3. The experiential basis for this apocalyptic christology was the resurrection of Jesus and the charismatic experience of the early—and I suppose we might add the concrete historical expectation that the nations of the empire would confess Jesus as Lord.
It is less clear to me why the early Christians told a second, less developed, more speculative story that associated or identified Jesus with the divine Wisdom or logos by which all things were made. My working assumption is that the Wisdom motif basically provided a way to talk about the new world that was coming into existence as a result of the apocalyptic narrative. This seems to me to be especially clear in Hebrews 1:1-2:9.

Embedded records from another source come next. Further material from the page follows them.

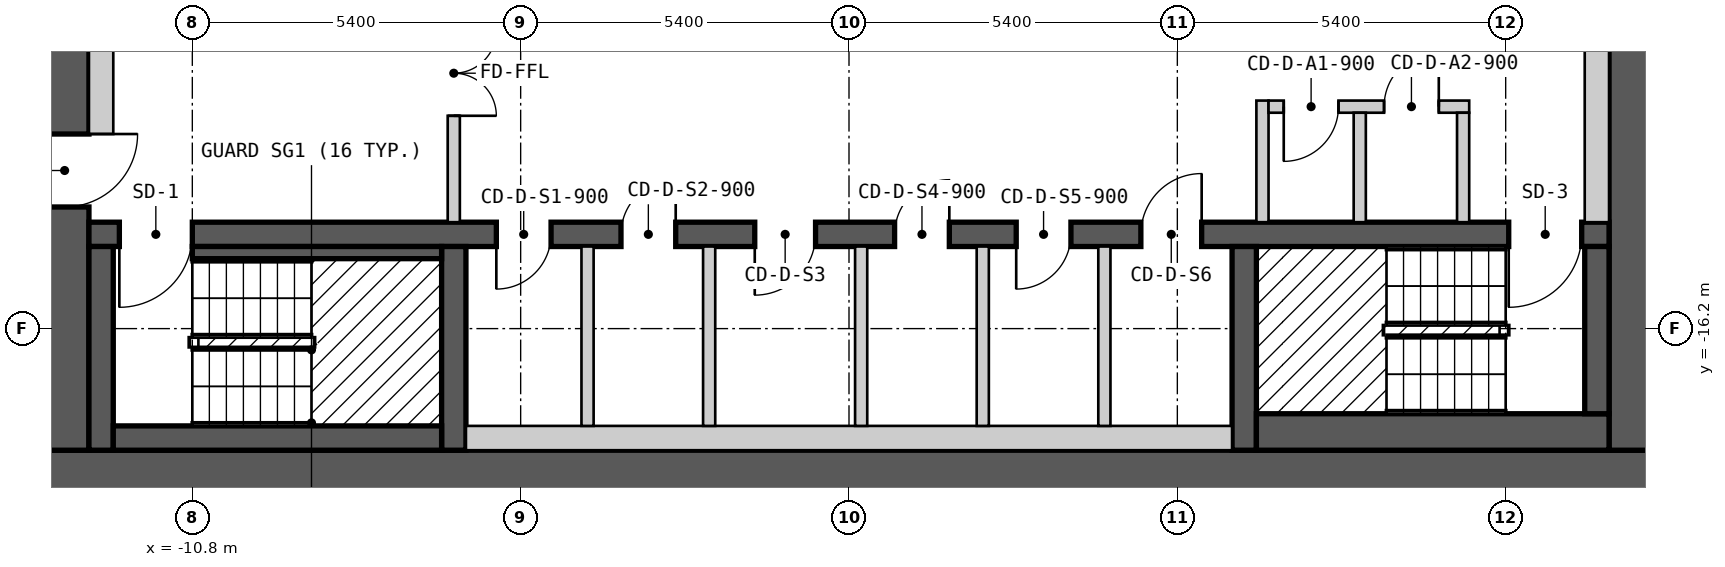
"""IFC4 building model, lengths in metres.
Left out: names, types, materials, properties, quantities, classifications, styles, units other than length and angle.
Written with IfcOpenShell. Run it as: python <this file> out.ifc"""

import sys

from ifc_helpers import new_model, si_unit, direction, frame, frame_2d, origin, place, context, subcontext, project, spatial, rectangle, extrude, element, fill, save


model = new_model("IFC4")
c1 = context("Model", 3, precision=1e-05, world=origin(), true_north=direction((0.0, 1.0)))
c2 = subcontext(c1, "Body", "Model", "MODEL_VIEW")
j1 = project(units=[si_unit("LENGTHUNIT", "METRE"), si_unit("PLANEANGLEUNIT", "RADIAN")], contexts=[c1])
p1 = place(None, origin())
s1 = spatial("IfcSite", under=j1, at=p1, CompositionType="ELEMENT")
p2 = place(p1, origin())
s2 = spatial("IfcBuilding", under=s1, at=p2, CompositionType="ELEMENT")
p3 = place(p2, frame((0.0, 0.0, 135.6)))
s3 = spatial("IfcBuildingStorey", under=s2, at=p3, CompositionType="ELEMENT", Elevation=135.6)
p4 = place(p3, frame((-13.3, -18.6, 0.0), z_axis=(0.0, 0.0, 1.0), x_axis=(1.0, 0.0, 0.0)))
e1 = element("IfcWall", 1, at=p4, inside=s3, PredefinedType="SHEAR", context=c2, shape_type="SweptSolid", body=[
    extrude(rectangle(XDim=26.6, YDim=0.8, at=frame_2d((13.3, 0.0))), origin(), (0.0, 0.0, 1.0), 2.7),
])
p5 = place(p3, frame((-12.9, -18.2, 0.0), z_axis=(0.0, 0.0, 1.0), x_axis=(0.0, 1.0, 0.0)))
e2 = element("IfcWall", 2, at=p5, inside=s3, PredefinedType="SHEAR", context=c2, shape_type="SweptSolid", body=[
    extrude(rectangle(XDim=12.4, YDim=0.8, at=frame_2d((6.2, 0.0))), origin(), (0.0, 0.0, 1.0), 2.7),
])
p6 = place(p5, frame((4.0, 0.0, 0.0)))
e3 = element("IfcOpeningElement", 3, at=p6, cuts=e2, PredefinedType="OPENING", context=c2, shape_type="SweptSolid", body=[
    extrude(rectangle(XDim=1.2, YDim=2.1, at=frame_2d((0.6, 1.05))), frame((0.0, 0.41, 0.0), z_axis=(0.0, -1.0, 0.0), x_axis=(1.0, 0.0, 0.0)), (0.0, 0.0, 1.0), 0.82),
])
p7 = place(p3, frame((12.9, -18.2, 0.0), z_axis=(0.0, 0.0, 1.0), x_axis=(0.0, 1.0, 0.0)))
e4 = element("IfcWall", 4, at=p7, inside=s3, PredefinedType="SHEAR", context=c2, shape_type="SweptSolid", body=[
    extrude(rectangle(XDim=12.4, YDim=0.8, at=frame_2d((6.2, 0.0))), origin(), (0.0, 0.0, 1.0), 2.7),
])
p8 = place(p3, frame((-12.5, -14.65, 0.0), z_axis=(0.0, 0.0, 1.0), x_axis=(1.0, 0.0, 0.0)))
e5 = element("IfcWall", 5, at=p8, inside=s3, PredefinedType="SHEAR", context=c2, shape_type="SweptSolid", body=[
    extrude(rectangle(XDim=25.0, YDim=0.4, at=frame_2d((12.5, 0.0))), origin(), (0.0, 0.0, 1.0), 2.7),
])
p9 = place(p8, frame((1.7, 0.0, 0.0), z_axis=(0.0, 0.0, 1.0), x_axis=(-1.0, 0.0, 0.0)))
e6 = element("IfcOpeningElement", 6, at=p9, cuts=e5, PredefinedType="OPENING", context=c2, shape_type="SweptSolid", body=[
    extrude(rectangle(XDim=1.2, YDim=2.1, at=frame_2d((0.6, 1.05))), frame((0.0, 0.21, 0.0), z_axis=(0.0, -1.0, 0.0), x_axis=(1.0, 0.0, 0.0)), (0.0, 0.0, 1.0), 0.42),
])
p10 = place(p8, frame((24.55, 0.0, 0.0), z_axis=(0.0, 0.0, 1.0), x_axis=(-1.0, 0.0, 0.0)))
e7 = element("IfcOpeningElement", 7, at=p10, cuts=e5, PredefinedType="OPENING", context=c2, shape_type="SweptSolid", body=[
    extrude(rectangle(XDim=1.2, YDim=2.1, at=frame_2d((0.6, 1.05))), frame((0.0, 0.21, 0.0), z_axis=(0.0, -1.0, 0.0), x_axis=(1.0, 0.0, 0.0)), (0.0, 0.0, 1.0), 0.42),
])
p11 = place(p8, frame((7.6, 0.0, 0.0), z_axis=(0.0, 0.0, 1.0), x_axis=(-1.0, 0.0, 0.0)))
e8 = element("IfcOpeningElement", 8, at=p11, cuts=e5, PredefinedType="OPENING", context=c2, shape_type="SweptSolid", body=[
    extrude(rectangle(XDim=0.9, YDim=2.1, at=frame_2d((0.45, 1.05))), frame((0.0, 0.21, 0.0), z_axis=(0.0, -1.0, 0.0), x_axis=(1.0, 0.0, 0.0)), (0.0, 0.0, 1.0), 0.42),
])
p12 = place(p8, frame((9.65, 0.0, 0.0), z_axis=(0.0, 0.0, 1.0), x_axis=(-1.0, 0.0, 0.0)))
e9 = element("IfcOpeningElement", 9, at=p12, cuts=e5, PredefinedType="OPENING", context=c2, shape_type="SweptSolid", body=[
    extrude(rectangle(XDim=0.9, YDim=2.1, at=frame_2d((0.45, 1.05))), frame((0.0, 0.21, 0.0), z_axis=(0.0, -1.0, 0.0), x_axis=(1.0, 0.0, 0.0)), (0.0, 0.0, 1.0), 0.42),
])
p13 = place(p8, frame((11.95, 0.0, 0.0), z_axis=(0.0, 0.0, 1.0), x_axis=(-1.0, 0.0, 0.0)))
e10 = element("IfcOpeningElement", 10, at=p13, cuts=e5, PredefinedType="OPENING", context=c2, shape_type="SweptSolid", body=[
    extrude(rectangle(XDim=1.0, YDim=2.1, at=frame_2d((0.5, 1.05))), frame((0.0, 0.21, 0.0), z_axis=(0.0, -1.0, 0.0), x_axis=(1.0, 0.0, 0.0)), (0.0, 0.0, 1.0), 0.42),
])
p14 = place(p8, frame((14.15, 0.0, 0.0), z_axis=(0.0, 0.0, 1.0), x_axis=(-1.0, 0.0, 0.0)))
e11 = element("IfcOpeningElement", 11, at=p14, cuts=e5, PredefinedType="OPENING", context=c2, shape_type="SweptSolid", body=[
    extrude(rectangle(XDim=0.9, YDim=2.1, at=frame_2d((0.45, 1.05))), frame((0.0, 0.21, 0.0), z_axis=(0.0, -1.0, 0.0), x_axis=(1.0, 0.0, 0.0)), (0.0, 0.0, 1.0), 0.42),
])
p15 = place(p8, frame((16.15, 0.0, 0.0), z_axis=(0.0, 0.0, 1.0), x_axis=(-1.0, 0.0, 0.0)))
e12 = element("IfcOpeningElement", 12, at=p15, cuts=e5, PredefinedType="OPENING", context=c2, shape_type="SweptSolid", body=[
    extrude(rectangle(XDim=0.9, YDim=2.1, at=frame_2d((0.45, 1.05))), frame((0.0, 0.21, 0.0), z_axis=(0.0, -1.0, 0.0), x_axis=(1.0, 0.0, 0.0)), (0.0, 0.0, 1.0), 0.42),
])
p16 = place(p8, frame((18.3, 0.0, 0.0), z_axis=(0.0, 0.0, 1.0), x_axis=(-1.0, 0.0, 0.0)))
e13 = element("IfcOpeningElement", 13, at=p16, cuts=e5, PredefinedType="OPENING", context=c2, shape_type="SweptSolid", body=[
    extrude(rectangle(XDim=1.0, YDim=2.1, at=frame_2d((0.5, 1.05))), frame((0.0, 0.21, 0.0), z_axis=(0.0, -1.0, 0.0), x_axis=(1.0, 0.0, 0.0)), (0.0, 0.0, 1.0), 0.42),
])
for number, where, z_axis, x_axis in (
    (14, (-6.5, -18.2, 0.0), (0.0, 0.0, 1.0), (0.0, 1.0, 0.0)),
    (15, (6.5, -18.2, 0.0), (0.0, 0.0, 1.0), (0.0, 1.0, 0.0)),
):
    element("IfcWall", number, at=place(p3, frame(where, z_axis=z_axis, x_axis=x_axis)), inside=s3, PredefinedType="SHEAR", context=c2, shape_type="SweptSolid", body=[
        extrude(rectangle(XDim=3.35, YDim=0.4, at=frame_2d((1.675, 0.0))), origin(), (0.0, 0.0, 1.0), 2.7),
    ])
p17 = place(p3, frame((-12.3, -18.2, 0.0), z_axis=(0.0, 0.0, 1.0), x_axis=(0.0, 1.0, 0.0)))
e16 = element("IfcWall", 16, at=p17, inside=s3, PredefinedType="SOLIDWALL", context=c2, shape_type="SweptSolid", body=[
    extrude(rectangle(XDim=3.35, YDim=0.4, at=frame_2d((1.675, 0.0))), origin(), (0.0, 0.0, 1.0), 2.7),
])
p18 = place(p3, frame((-12.3, -13.0, 0.0), z_axis=(0.0, 0.0, 1.0), x_axis=(0.0, 1.0, 0.0)))
e17 = element("IfcWall", 17, at=p18, inside=s3, PredefinedType="PARTITIONING", context=c2, shape_type="SweptSolid", body=[
    extrude(rectangle(XDim=3.45, YDim=0.4, at=frame_2d((1.725, 0.0))), origin(), (0.0, 0.0, 1.0), 2.7),
])
p19 = place(p3, frame((-12.1, -18.0, 0.0), z_axis=(0.0, 0.0, 1.0), x_axis=(1.0, 0.0, 0.0)))
e18 = element("IfcWall", 18, at=p19, inside=s3, PredefinedType="SOLIDWALL", context=c2, shape_type="SweptSolid", body=[
    extrude(rectangle(XDim=5.4, YDim=0.4, at=frame_2d((2.7, 0.0))), origin(), (0.0, 0.0, 1.0), 2.7),
])
p20 = place(p3, frame((-10.8, -14.95, 0.0), z_axis=(0.0, 0.0, 1.0), x_axis=(1.0, 0.0, 0.0)))
e19 = element("IfcWall", 19, at=p20, inside=s3, PredefinedType="SOLIDWALL", context=c2, shape_type="SweptSolid", body=[
    extrude(rectangle(XDim=4.1, YDim=0.2, at=frame_2d((2.05, 0.0))), origin(), (0.0, 0.0, 1.0), 2.7),
])
p21 = place(p3, frame((-6.5, -14.45, 0.0), z_axis=(0.0, 0.0, 1.0), x_axis=(0.0, 1.0, 0.0)))
e20 = element("IfcWall", 20, at=p21, inside=s3, PredefinedType="PARTITIONING", context=c2, shape_type="SweptSolid", body=[
    extrude(rectangle(XDim=4.9, YDim=0.2, at=frame_2d((2.45, 0.0))), origin(), (0.0, 0.0, 1.0), 2.7),
])
p22 = place(p21, frame((3.15, 0.0, 0.0), z_axis=(0.0, 0.0, 1.0), x_axis=(-1.0, 0.0, 0.0)))
e21 = element("IfcOpeningElement", 21, at=p22, cuts=e20, PredefinedType="OPENING", context=c2, shape_type="SweptSolid", body=[
    extrude(rectangle(XDim=1.4, YDim=2.1, at=frame_2d((0.7, 1.05))), frame((0.0, 0.11, 0.0), z_axis=(0.0, -1.0, 0.0), x_axis=(1.0, 0.0, 0.0)), (0.0, 0.0, 1.0), 0.22),
])
p23 = place(p3, frame((-6.3, -18.0, 0.0), z_axis=(0.0, 0.0, 1.0), x_axis=(1.0, 0.0, 0.0)))
e22 = element("IfcWall", 22, at=p23, inside=s3, PredefinedType="PARTITIONING", context=c2, shape_type="SweptSolid", body=[
    extrude(rectangle(XDim=12.6, YDim=0.4, at=frame_2d((6.3, 0.0))), origin(), (0.0, 0.0, 1.0), 2.7),
])
for number, where, z_axis, x_axis in (
    (23, (-4.3, -17.8, 0.0), (0.0, 0.0, 1.0), (0.0, 1.0, 0.0)),
    (24, (-2.3, -17.8, 0.0), (0.0, 0.0, 1.0), (0.0, 1.0, 0.0)),
    (25, (0.2, -17.8, 0.0), (0.0, 0.0, 1.0), (0.0, 1.0, 0.0)),
    (26, (2.2, -17.8, 0.0), (0.0, 0.0, 1.0), (0.0, 1.0, 0.0)),
    (27, (4.2, -17.8, 0.0), (0.0, 0.0, 1.0), (0.0, 1.0, 0.0)),
):
    element("IfcWall", number, at=place(p3, frame(where, z_axis=z_axis, x_axis=x_axis)), inside=s3, PredefinedType="PARTITIONING", context=c2, shape_type="SweptSolid", body=[
        extrude(rectangle(XDim=2.95, YDim=0.2, at=frame_2d((1.475, 0.0))), origin(), (0.0, 0.0, 1.0), 2.7),
    ])
p24 = place(p3, frame((6.7, -17.9, 0.0), z_axis=(0.0, 0.0, 1.0), x_axis=(1.0, 0.0, 0.0)))
e28 = element("IfcWall", 28, at=p24, inside=s3, PredefinedType="SOLIDWALL", context=c2, shape_type="SweptSolid", body=[
    extrude(rectangle(XDim=5.8, YDim=0.6, at=frame_2d((2.9, 0.0))), origin(), (0.0, 0.0, 1.0), 2.7),
])
p25 = place(p3, frame((6.8, -14.45, 0.0), z_axis=(0.0, 0.0, 1.0), x_axis=(0.0, 1.0, 0.0)))
e29 = element("IfcWall", 29, at=p25, inside=s3, PredefinedType="PARTITIONING", context=c2, shape_type="SweptSolid", body=[
    extrude(rectangle(XDim=2.0, YDim=0.2, at=frame_2d((1.0, 0.0))), origin(), (0.0, 0.0, 1.0), 2.7),
])
p26 = place(p3, frame((6.9, -12.55, 0.0), z_axis=(0.0, 0.0, 1.0), x_axis=(1.0, 0.0, 0.0)))
e30 = element("IfcWall", 30, at=p26, inside=s3, PredefinedType="PARTITIONING", context=c2, shape_type="SweptSolid", body=[
    extrude(rectangle(XDim=3.3, YDim=0.2, at=frame_2d((1.65, 0.0))), origin(), (0.0, 0.0, 1.0), 2.7),
])
p27 = place(p26, frame((1.15, 0.0, 0.0), z_axis=(0.0, 0.0, 1.0), x_axis=(-1.0, 0.0, 0.0)))
e31 = element("IfcOpeningElement", 31, at=p27, cuts=e30, PredefinedType="OPENING", context=c2, shape_type="SweptSolid", body=[
    extrude(rectangle(XDim=0.9, YDim=2.1, at=frame_2d((0.45, 1.05))), frame((0.0, 0.11, 0.0), z_axis=(0.0, -1.0, 0.0), x_axis=(1.0, 0.0, 0.0)), (0.0, 0.0, 1.0), 0.22),
])
p28 = place(p26, frame((2.8, 0.0, 0.0), z_axis=(0.0, 0.0, 1.0), x_axis=(-1.0, 0.0, 0.0)))
e32 = element("IfcOpeningElement", 32, at=p28, cuts=e30, PredefinedType="OPENING", context=c2, shape_type="SweptSolid", body=[
    extrude(rectangle(XDim=0.9, YDim=2.1, at=frame_2d((0.45, 1.05))), frame((0.0, 0.11, 0.0), z_axis=(0.0, -1.0, 0.0), x_axis=(1.0, 0.0, 0.0)), (0.0, 0.0, 1.0), 0.22),
])
for number, where, z_axis, x_axis in (
    (33, (8.4, -14.45, 0.0), (0.0, 0.0, 1.0), (0.0, 1.0, 0.0)),
    (34, (10.1, -14.45, 0.0), (0.0, 0.0, 1.0), (0.0, 1.0, 0.0)),
):
    element("IfcWall", number, at=place(p3, frame(where, z_axis=z_axis, x_axis=x_axis)), inside=s3, PredefinedType="PARTITIONING", context=c2, shape_type="SweptSolid", body=[
        extrude(rectangle(XDim=1.8, YDim=0.2, at=frame_2d((0.9, 0.0))), origin(), (0.0, 0.0, 1.0), 2.7),
    ])
p29 = place(p3, frame((12.3, -17.6, 0.0), z_axis=(0.0, 0.0, 1.0), x_axis=(0.0, 1.0, 0.0)))
e35 = element("IfcWall", 35, at=p29, inside=s3, PredefinedType="SOLIDWALL", context=c2, shape_type="SweptSolid", body=[
    extrude(rectangle(XDim=2.75, YDim=0.4, at=frame_2d((1.375, 0.0))), origin(), (0.0, 0.0, 1.0), 2.7),
])
p30 = place(p3, frame((12.3, -14.45, 0.0), z_axis=(0.0, 0.0, 1.0), x_axis=(0.0, 1.0, 0.0)))
e36 = element("IfcWall", 36, at=p30, inside=s3, PredefinedType="PARTITIONING", context=c2, shape_type="SweptSolid", body=[
    extrude(rectangle(XDim=8.25, YDim=0.4, at=frame_2d((4.125, 0.0))), origin(), (0.0, 0.0, 1.0), 2.7),
])
p31 = place(p9, origin())
e37 = element("IfcDoor", 37, at=p31, inside=s3, OperationType="SINGLE_SWING_RIGHT", PredefinedType="DOOR", context=c2, shape_type="SweptSolid", body=[
    extrude(rectangle(XDim=1.2, YDim=2.1, at=frame_2d((0.6, 1.05))), frame((0.0, 0.025, 0.0), z_axis=(0.0, -1.0, 0.0), x_axis=(1.0, 0.0, 0.0)), (0.0, 0.0, 1.0), 0.05),
])
fill(e6, e37)
p32 = place(p10, origin())
e38 = element("IfcDoor", 38, at=p32, inside=s3, OperationType="SINGLE_SWING_RIGHT", PredefinedType="DOOR", context=c2, shape_type="SweptSolid", body=[
    extrude(rectangle(XDim=1.2, YDim=2.1, at=frame_2d((0.6, 1.05))), frame((0.0, 0.025, 0.0), z_axis=(0.0, -1.0, 0.0), x_axis=(1.0, 0.0, 0.0)), (0.0, 0.0, 1.0), 0.05),
])
fill(e7, e38)
p33 = place(p6, origin())
e39 = element("IfcDoor", 39, at=p33, inside=s3, OperationType="SINGLE_SWING_RIGHT", PredefinedType="DOOR", context=c2, shape_type="SweptSolid", body=[
    extrude(rectangle(XDim=1.2, YDim=2.1, at=frame_2d((0.6, 1.05))), frame((0.0, 0.025, 0.0), z_axis=(0.0, -1.0, 0.0), x_axis=(1.0, 0.0, 0.0)), (0.0, 0.0, 1.0), 0.05),
])
fill(e3, e39)
p34 = place(p22, origin())
e40 = element("IfcDoor", 40, at=p34, inside=s3, OperationType="DOUBLE_DOOR_SINGLE_SWING", PredefinedType="DOOR", context=c2, shape_type="SweptSolid", body=[
    extrude(rectangle(XDim=1.4, YDim=2.1, at=frame_2d((0.7, 1.05))), frame((0.0, 0.025, 0.0), z_axis=(0.0, -1.0, 0.0), x_axis=(1.0, 0.0, 0.0)), (0.0, 0.0, 1.0), 0.05),
])
fill(e21, e40)
p35 = place(p27, origin())
e41 = element("IfcDoor", 41, at=p35, inside=s3, OperationType="SINGLE_SWING_RIGHT", PredefinedType="DOOR", context=c2, shape_type="SweptSolid", body=[
    extrude(rectangle(XDim=0.9, YDim=2.1, at=frame_2d((0.45, 1.05))), frame((0.0, 0.025, 0.0), z_axis=(0.0, -1.0, 0.0), x_axis=(1.0, 0.0, 0.0)), (0.0, 0.0, 1.0), 0.05),
])
fill(e31, e41)
p36 = place(p28, origin())
e42 = element("IfcDoor", 42, at=p36, inside=s3, OperationType="SINGLE_SWING_LEFT", PredefinedType="DOOR", context=c2, shape_type="SweptSolid", body=[
    extrude(rectangle(XDim=0.9, YDim=2.1, at=frame_2d((0.45, 1.05))), frame((0.0, 0.025, 0.0), z_axis=(0.0, -1.0, 0.0), x_axis=(1.0, 0.0, 0.0)), (0.0, 0.0, 1.0), 0.05),
])
fill(e32, e42)
p37 = place(p11, origin())
e43 = element("IfcDoor", 43, at=p37, inside=s3, OperationType="SINGLE_SWING_RIGHT", PredefinedType="DOOR", context=c2, shape_type="SweptSolid", body=[
    extrude(rectangle(XDim=0.9, YDim=2.1, at=frame_2d((0.45, 1.05))), frame((0.0, 0.025, 0.0), z_axis=(0.0, -1.0, 0.0), x_axis=(1.0, 0.0, 0.0)), (0.0, 0.0, 1.0), 0.05),
])
fill(e8, e43)
p38 = place(p12, origin())
e44 = element("IfcDoor", 44, at=p38, inside=s3, OperationType="SINGLE_SWING_LEFT", PredefinedType="DOOR", context=c2, shape_type="SweptSolid", body=[
    extrude(rectangle(XDim=0.9, YDim=2.1, at=frame_2d((0.45, 1.05))), frame((0.0, 0.025, 0.0), z_axis=(0.0, -1.0, 0.0), x_axis=(1.0, 0.0, 0.0)), (0.0, 0.0, 1.0), 0.05),
])
fill(e9, e44)
p39 = place(p13, origin())
e45 = element("IfcDoor", 45, at=p39, inside=s3, OperationType="SINGLE_SWING_RIGHT", PredefinedType="DOOR", context=c2, shape_type="SweptSolid", body=[
    extrude(rectangle(XDim=1.0, YDim=2.1, at=frame_2d((0.5, 1.05))), frame((0.0, 0.025, 0.0), z_axis=(0.0, -1.0, 0.0), x_axis=(1.0, 0.0, 0.0)), (0.0, 0.0, 1.0), 0.05),
])
fill(e10, e45)
p40 = place(p14, origin())
e46 = element("IfcDoor", 46, at=p40, inside=s3, OperationType="SINGLE_SWING_LEFT", PredefinedType="DOOR", context=c2, shape_type="SweptSolid", body=[
    extrude(rectangle(XDim=0.9, YDim=2.1, at=frame_2d((0.45, 1.05))), frame((0.0, 0.025, 0.0), z_axis=(0.0, -1.0, 0.0), x_axis=(1.0, 0.0, 0.0)), (0.0, 0.0, 1.0), 0.05),
])
fill(e11, e46)
p41 = place(p15, origin())
e47 = element("IfcDoor", 47, at=p41, inside=s3, OperationType="SINGLE_SWING_RIGHT", PredefinedType="DOOR", context=c2, shape_type="SweptSolid", body=[
    extrude(rectangle(XDim=0.9, YDim=2.1, at=frame_2d((0.45, 1.05))), frame((0.0, 0.025, 0.0), z_axis=(0.0, -1.0, 0.0), x_axis=(1.0, 0.0, 0.0)), (0.0, 0.0, 1.0), 0.05),
])
fill(e12, e47)
p42 = place(p16, origin())
e48 = element("IfcDoor", 48, at=p42, inside=s3, OperationType="SINGLE_SWING_LEFT", PredefinedType="DOOR", context=c2, shape_type="SweptSolid", body=[
    extrude(rectangle(XDim=1.0, YDim=2.1, at=frame_2d((0.5, 1.05))), frame((0.0, 0.025, 0.0), z_axis=(0.0, -1.0, 0.0), x_axis=(1.0, 0.0, 0.0)), (0.0, 0.0, 1.0), 0.05),
])
fill(e13, e48)
save(model, sys.argv[1])

Once the connection with Wisdom was made, it led in two directions. First, it gave expression to the belief that Jesus was, like Wisdom (cf. Prov. 8:22-31), the agent of creation, the one through whom all things were originally made (Jn. 1:3; 1 Cor. 8:6; Col. 1:16; Heb. 1:2).
Secondly, Hellenistic Judaism already had the idea that divine Wisdom came into the world and dwelt in Israel in the form of Torah:
Then the creator of all commanded me, and he who created me put down my tent (skēnēn) and said, ‘Encamp (kataskēnōson) in Jacob, and in Israel let your inheritance be.’ Before the age, from the beginning, he created me, and until the age I will never fail. In a holy tent I ministered before him, and thus in Sion I was firmly set. In a beloved city as well he put me down, and in Jerusalem was my authority. And I took root among a glorified people, in the portion of the Lord is my inheritance. (Sir. 24:8–12)
This seems a fairly obvious antecedent to John 1:14: the Word through which all things were made “became flesh and dwelt (eskēnōsen) among us”.
4. As the church consolidated its position in the Greek-Roman world, it had less need for the apocalyptic narrative with its orientation towards vindication and a future kingdom. But the Wisdom-logos motif would prove increasingly useful as a way to reconcile the unique status attributed to Jesus with a more rationally constructed notion of divinity. The Logos christology of Justin Martyr, for example, was a significant staging-post on the way to Trinitarian orthodoxy.
The point I would stress here is that the whole process was thoroughly contextual. It remained a matter of how people encountered and talked about Jesus in their cultural-historical context. Patristic orthodoxy was just as much a response to circumstances as Jewish apocalypticism. Paul encountered the risen Messiah. The Fathers encountered—in a less violent sense—the Second Person of the Trinity.
The early Jewish church drew on Old Testament and Jewish-apocalyptic categories, imagery, narratives, in order to express the conviction that Jesus had been put in control of the foreseeable future. To a significant degree this was underpinned by charismatic experience.
The Greek-Roman church responded to the intellectual and apologetic challenges presented by its very different cultural environment to reformulate the relationship between Jesus and the Father in broadly (neo-) Platonic terms. This was underpinned not by charismatic experience but by the furious ratiocinations of the Fathers.
The process and the outcome were neither better nor worse than in the case of the apocalyptic argument (except insofar as they led to a massive depreciation of the Jewish biblical narrative, which we are only just getting over). It simply had to be done. And it’s now part of the story.